Наконец Гольдовский телефонировал и сказал: все улажено, Давыдова с Шапиро ждут на другой квартире, где и когда – знать пока не обязательно.
При разговоре присутствовал Нарсежак.
– Ну, начинается, – сказал он Давыдову. – Готовьтесь к неприятностям.
– Мы все предусмотрели.
– Вы мне что-то не нравитесь, Денис Николаевич.
– Я сам себе не нравлюсь.
– Попросту говоря, прете на рожон. Боюсь, что вы вбили себе в голову искупить провинность смертью. А она, старая шлюха, очень хорошо издали такие мысли чует!
– Я там, у Евриона, был сам себе противен, – наконец признался Денис.
– Есть занозы, которые так просто не выдергиваются. Они только со временем рассосаться могут. Терпите, – таков был совет мудрого Сенсея. – И съездили бы вы, пока есть возможность, к Никишиным.
– Это еще зачем?
– На случай, если за вами следят. Вы себе невесту придумали, вот и отдувайтесь.
Давыдов подумал и согласился.
Нарсежак, соблюдая все меры предосторожности, приходил к нему ночью, дворами и переодетый. Он один осуществлял связь Давыдова с подчиненными. Даже телефонные переговоры пришлось свести к минимуму. Если СОВА и ОСВАГ, а также господин Кошко, находили возможность платить телефонным барышням за ценные сведения, то и масоны, поди, не глупее…

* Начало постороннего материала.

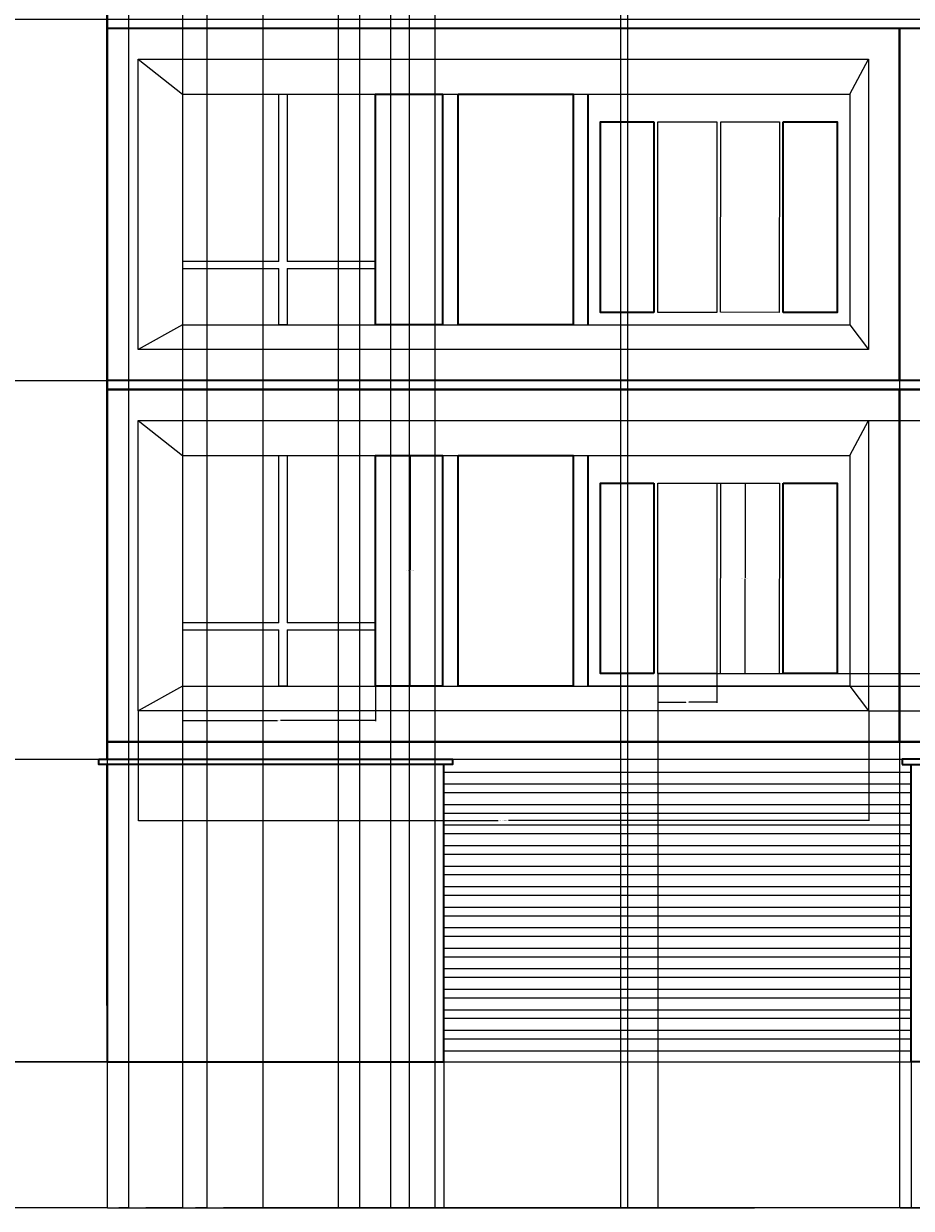
# Model space of a CAD drawing. Units: feet. Extents: x 1141 to 2858, y 751 to 1654.
# Tile 9 of 13: x 2288 to 2621, y 751 to 1195. Entities that reach past the tile are written whole.
import ezdxf

# ---------------------------------------------------------------- set-up
doc = ezdxf.new("R2010")
doc.units = ezdxf.units.FT
for name, color, linetype, lineweight in [('A-ANNO-DIMS', 2, 'Continuous', 18), ('A-DOOR', 3, 'Continuous', 25), ('A-ELEV', 7, 'Continuous', 35), ('A-GLAZ', 4, 'Continuous', 25)]:
    doc.layers.add(name, color=color, linetype=linetype, lineweight=lineweight)
doc.styles.get("Standard").update_dxf_attribs({"font": 'arial.ttf'})
doc.dimstyles.get("Standard").update_dxf_attribs({"dimtxt": 0.18, "dimasz": 0.18, "dimexe": 0.18, "dimexo": 0.0625, "dimgap": 0.09, "dimtad": 0, "dimtih": 1, "dimtoh": 1, "dimdec": 1, "dimzin": 0, "dimdsep": 46, "dimlunit": 3, "dimtxsty": 'Standard', "dimcen": 0.09, "dimadec": 0, "dimazin": 0, "dimtfac": 1, "dimtdec": 1, "dimtofl": 0, "dimtmove": 0, "dimatfit": 3, "dimfxl": 1, "dimtolj": 1, "dimtzin": 0, "dimarcsym": 0})

# ---------------------------------------------------------------- blocks, each defined once
blk = doc.blocks.new('BALCONY-GLAZ-B')
for p, q in [((0, 108.84), (16.63, 95.74)), ((266.62, 95.74), (273.67, 108.84)), ((16.63, 95.74), (16.63, 9.29)), ((16.63, 95.74), (266.62, 95.74)), ((266.62, 95.74), (266.62, 9.19)), ((16.63, 9.29), (0, 0)), ((16.63, 9.29), (266.62, 9.29)), ((266.62, 9.29), (273.67, 0))]:
    blk.add_line(p, q)
for points in [[(0, 108.84), (273.67, 108.84), (273.67, 0), (0, 0)], [(266.62, 9.19), (168.47, 9.19), (168.47, 95.74), (266.62, 95.74)]]:
    blk.add_lwpolyline(points, close=True)
blk = doc.blocks.new('WIN-SLIDING')
for points in [[(36.16, 23.71), (36.16, 86.44), (39.2, 86.44), (39.2, 23.71)], [(36.16, 23.71), (0, 23.71), (0, 21.05), (36.16, 21.05)], [(39.2, 21.05), (72.32, 21.05), (72.32, 23.71), (39.2, 23.71)], [(39.2, 21.05), (39.2, 0), (36.16, 0), (36.16, 21.05)]]:
    blk.add_lwpolyline(points)
blk = doc.blocks.new('GLAZ-PANEL-B')
for points in [[(0, 71.37), (22, 71.37)], [(0, 0), (0, 71.37)], [(22, 71.37), (22, 0)], [(22, 0), (0, 0)]]:
    blk.add_lwpolyline(points)
blk = doc.blocks.new('*D8')
at = {"layer": 'A-ANNO-DIMS', "color": 0, "lineweight": -2, "transparency": 16777216}
for p, q in [((2419.9, 1033.22), (2432.98, 1033.22)), ((2432.8, 1033.04), (2432.8, 990.18)), ((2432.8, 946.95), (2432.8, 989.81)), ((2419.9, 946.77), (2432.98, 946.77))]:
    blk.add_line(p, q, dxfattribs=at)
at = {"layer": 'A-ANNO-DIMS', "color": 0, "transparency": 16777216}
for points in [[(2432.77, 1033.04), (2432.83, 1033.04), (2432.8, 1033.22)], [(2432.77, 946.95), (2432.83, 946.95), (2432.8, 946.77)]]:
    blk.add_solid(points, dxfattribs=at)
at = {"layer": 'Defpoints', "color": 0, "transparency": 16777216}
for p in [(2419.84, 1033.22), (2432.8, 1033.22), (2419.84, 946.77)]:
    blk.add_point(p, dxfattribs=at)
at = {"layer": 'A-ANNO-DIMS', "color": 0, "transparency": 16777216, "insert": (2432.8, 990), "char_height": 0.18, "attachment_point": 5}
blk.add_mtext('\\A1;SLIDING WINDOW 86 TYP.', dxfattribs=at)
blk = doc.blocks.new('*D9')
at = {"layer": 'A-ANNO-DIMS', "color": 0, "lineweight": -2, "transparency": 16777216}
for p, q in [((2347.51, 946.71), (2347.51, 933.63)), ((2419.84, 946.71), (2419.84, 933.63)), ((2347.69, 933.81), (2383.15, 933.81)), ((2419.66, 933.81), (2384.2, 933.81))]:
    blk.add_line(p, q, dxfattribs=at)
at = {"layer": 'A-ANNO-DIMS', "color": 0, "transparency": 16777216}
for points in [[(2347.69, 933.84), (2347.69, 933.78), (2347.51, 933.81)], [(2419.66, 933.84), (2419.66, 933.78), (2419.84, 933.81)]]:
    blk.add_solid(points, dxfattribs=at)
at = {"layer": 'Defpoints', "color": 0, "transparency": 16777216}
for p in [(2347.51, 946.77), (2419.84, 946.77), (2419.84, 933.81)]:
    blk.add_point(p, dxfattribs=at)
at = {"layer": 'A-ANNO-DIMS', "color": 0, "transparency": 16777216, "insert": (2383.67, 933.81), "char_height": 0.18, "attachment_point": 5}
blk.add_mtext('\\A1;72 TYP.', dxfattribs=at)
blk = doc.blocks.new('*D12')
at = {"layer": 'A-ANNO-DIMS', "color": 0, "lineweight": -2, "transparency": 16777216}
for p, q in [((2547.7, 1022.8), (2558.53, 1022.8)), ((2558.35, 1022.62), (2558.35, 987.3)), ((2558.35, 951.61), (2558.35, 986.93)), ((2547.7, 951.43), (2558.53, 951.43))]:
    blk.add_line(p, q, dxfattribs=at)
at = {"layer": 'A-ANNO-DIMS', "color": 0, "transparency": 16777216}
for points in [[(2558.32, 1022.62), (2558.38, 1022.62), (2558.35, 1022.8)], [(2558.32, 951.61), (2558.38, 951.61), (2558.35, 951.43)]]:
    blk.add_solid(points, dxfattribs=at)
at = {"layer": 'Defpoints', "color": 0, "transparency": 16777216}
for p in [(2547.64, 1022.8), (2558.35, 1022.8), (2547.64, 951.43)]:
    blk.add_point(p, dxfattribs=at)
at = {"layer": 'A-ANNO-DIMS', "color": 0, "transparency": 16777216, "insert": (2558.35, 987.11), "char_height": 0.18, "attachment_point": 5}
blk.add_mtext('\\A1;GLAZING PANEL B 71 TYP.', dxfattribs=at)
blk = doc.blocks.new('*D13')
at = {"layer": 'A-ANNO-DIMS', "color": 0, "lineweight": -2, "transparency": 16777216}
for p, q in [((2525.64, 951.37), (2525.64, 940.54)), ((2547.64, 951.37), (2547.64, 940.54)), ((2525.82, 940.72), (2536.11, 940.72)), ((2547.46, 940.72), (2537.17, 940.72))]:
    blk.add_line(p, q, dxfattribs=at)
at = {"layer": 'A-ANNO-DIMS', "color": 0, "transparency": 16777216}
for points in [[(2525.82, 940.75), (2525.82, 940.69), (2525.64, 940.72)], [(2547.46, 940.75), (2547.46, 940.69), (2547.64, 940.72)]]:
    blk.add_solid(points, dxfattribs=at)
at = {"layer": 'Defpoints', "color": 0, "transparency": 16777216}
for p in [(2525.64, 951.43), (2547.64, 951.43), (2547.64, 940.72)]:
    blk.add_point(p, dxfattribs=at)
at = {"layer": 'A-ANNO-DIMS', "color": 0, "transparency": 16777216, "insert": (2536.64, 940.72), "char_height": 0.18, "attachment_point": 5}
blk.add_mtext('\\A1;22 TYP.', dxfattribs=at)
blk = doc.blocks.new('*D20')
at = {"layer": 'A-ANNO-DIMS', "color": 0, "lineweight": -2, "transparency": 16777216}
for p, q in [((2330.88, 937.42), (2330.88, 896.25)), ((2604.56, 937.42), (2604.56, 896.25)), ((2331.06, 896.43), (2465.78, 896.43)), ((2604.38, 896.43), (2469.65, 896.43))]:
    blk.add_line(p, q, dxfattribs=at)
at = {"layer": 'A-ANNO-DIMS', "color": 0, "transparency": 16777216}
for points in [[(2331.06, 896.46), (2331.06, 896.4), (2330.88, 896.43)], [(2604.38, 896.46), (2604.38, 896.4), (2604.56, 896.43)]]:
    blk.add_solid(points, dxfattribs=at)
at = {"layer": 'Defpoints', "color": 0, "transparency": 16777216}
for p in [(2330.88, 937.48), (2604.56, 937.48), (2604.56, 896.43)]:
    blk.add_point(p, dxfattribs=at)
at = {"layer": 'A-ANNO-DIMS', "color": 0, "transparency": 16777216, "insert": (2467.72, 896.43), "char_height": 0.18, "attachment_point": 5}
blk.add_mtext('\\A1;BALCONY GLAZING B 274 TYP.', dxfattribs=at)
blk = doc.blocks.new('*D21')
at = {"layer": 'A-ANNO-DIMS', "color": 0, "lineweight": -2, "transparency": 16777216}
for p, q in [((2604.62, 1046.32), (2645.79, 1046.32)), ((2645.61, 1046.14), (2645.61, 992.08)), ((2645.61, 937.66), (2645.61, 991.72)), ((2604.62, 937.48), (2645.79, 937.48))]:
    blk.add_line(p, q, dxfattribs=at)
at = {"layer": 'A-ANNO-DIMS', "color": 0, "transparency": 16777216}
for points in [[(2645.58, 1046.14), (2645.64, 1046.14), (2645.61, 1046.32)], [(2645.58, 937.66), (2645.64, 937.66), (2645.61, 937.48)]]:
    blk.add_solid(points, dxfattribs=at)
at = {"layer": 'Defpoints', "color": 0, "transparency": 16777216}
for p in [(2604.56, 1046.32), (2645.61, 1046.32), (2604.56, 937.48)]:
    blk.add_point(p, dxfattribs=at)
at = {"layer": 'A-ANNO-DIMS', "color": 0, "transparency": 16777216, "insert": (2645.61, 991.9), "char_height": 0.18, "attachment_point": 5}
blk.add_mtext('\\A1;109 TYP.', dxfattribs=at)
blk = doc.blocks.new('*D23')
at = {"layer": 'A-ANNO-DIMS', "color": 0, "lineweight": -2, "transparency": 16777216}
for p, q in [((2206.03, 805.84), (2206.03, 751.07)), ((2319.3, 805.84), (2319.3, 751.07)), ((2206.21, 751.25), (2262.21, 751.25)), ((2319.12, 751.25), (2263.12, 751.25))]:
    blk.add_line(p, q, dxfattribs=at)
at = {"layer": 'A-ANNO-DIMS', "color": 0, "transparency": 16777216}
for points in [[(2206.21, 751.28), (2206.21, 751.22), (2206.03, 751.25)], [(2319.12, 751.28), (2319.12, 751.22), (2319.3, 751.25)]]:
    blk.add_solid(points, dxfattribs=at)
at = {"layer": 'Defpoints', "color": 0, "transparency": 16777216}
for p in [(2206.03, 805.9), (2319.3, 805.9), (2319.3, 751.25)]:
    blk.add_point(p, dxfattribs=at)
at = {"layer": 'A-ANNO-DIMS', "color": 0, "transparency": 16777216, "insert": (2262.67, 751.25), "char_height": 0.18, "attachment_point": 5}
blk.add_mtext('\\A1;113.27', dxfattribs=at)
blk = doc.blocks.new('*D29')
at = {"layer": 'A-ANNO-DIMS', "color": 0, "lineweight": -2, "transparency": 16777216}
for p, q in [((2206.09, 919.34), (2857.83, 919.34)), ((2857.65, 919.16), (2857.65, 862.8)), ((2857.65, 806.08), (2857.65, 862.44)), ((2206.09, 805.9), (2857.83, 805.9))]:
    blk.add_line(p, q, dxfattribs=at)
at = {"layer": 'A-ANNO-DIMS', "color": 0, "transparency": 16777216}
for points in [[(2857.62, 919.16), (2857.68, 919.16), (2857.65, 919.34)], [(2857.62, 806.08), (2857.68, 806.08), (2857.65, 805.9)]]:
    blk.add_solid(points, dxfattribs=at)
at = {"layer": 'Defpoints', "color": 0, "transparency": 16777216}
for p in [(2206.03, 919.34), (2857.65, 919.34), (2206.03, 805.9)]:
    blk.add_point(p, dxfattribs=at)
at = {"layer": 'A-ANNO-DIMS', "color": 0, "transparency": 16777216, "insert": (2857.65, 862.62), "char_height": 0.18, "attachment_point": 5}
blk.add_mtext('\\A1;113.44', dxfattribs=at)
blk = doc.blocks.new('*D30')
at = {"layer": 'A-ANNO-DIMS', "color": 0, "lineweight": -2, "transparency": 16777216}
for p, q in [((2117.47, 1061.29), (2857.83, 1061.29)), ((2857.65, 1061.11), (2857.65, 990.5)), ((2857.65, 919.52), (2857.65, 990.13)), ((2117.47, 919.34), (2857.83, 919.34))]:
    blk.add_line(p, q, dxfattribs=at)
at = {"layer": 'A-ANNO-DIMS', "color": 0, "transparency": 16777216}
for points in [[(2857.62, 1061.11), (2857.68, 1061.11), (2857.65, 1061.29)], [(2857.62, 919.52), (2857.68, 919.52), (2857.65, 919.34)]]:
    blk.add_solid(points, dxfattribs=at)
at = {"layer": 'Defpoints', "color": 0, "transparency": 16777216}
for p in [(2117.41, 1061.29), (2857.65, 1061.29), (2117.41, 919.34)]:
    blk.add_point(p, dxfattribs=at)
at = {"layer": 'A-ANNO-DIMS', "color": 0, "transparency": 16777216, "insert": (2857.65, 990.31), "char_height": 0.18, "attachment_point": 5}
blk.add_mtext('\\A1;141.95', dxfattribs=at)
blk = doc.blocks.new('*D31')
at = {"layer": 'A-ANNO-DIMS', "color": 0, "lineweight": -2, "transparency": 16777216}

Именно Нарсежак собрал Денису то, что он называл «дамским несессером»: зашил в карман брюк несколько полосок папиросной бумаги и кусочки карандашного грифеля, дамскую шпильку, которая могла служить отмычкой, а также тонкую вышивальную иголочку с черной и белой нитками.
Утром Давыдов проснулся поздно, привел себя в порядок и поехал обедать в «Эрмитаж» – там Гераська мог ему тайно передать важную записку. Но никаких записок не было. Денис покатался по Москве и к вечеру действительно, разжившись совершенно жениховским букетом, отправился к Никишиным.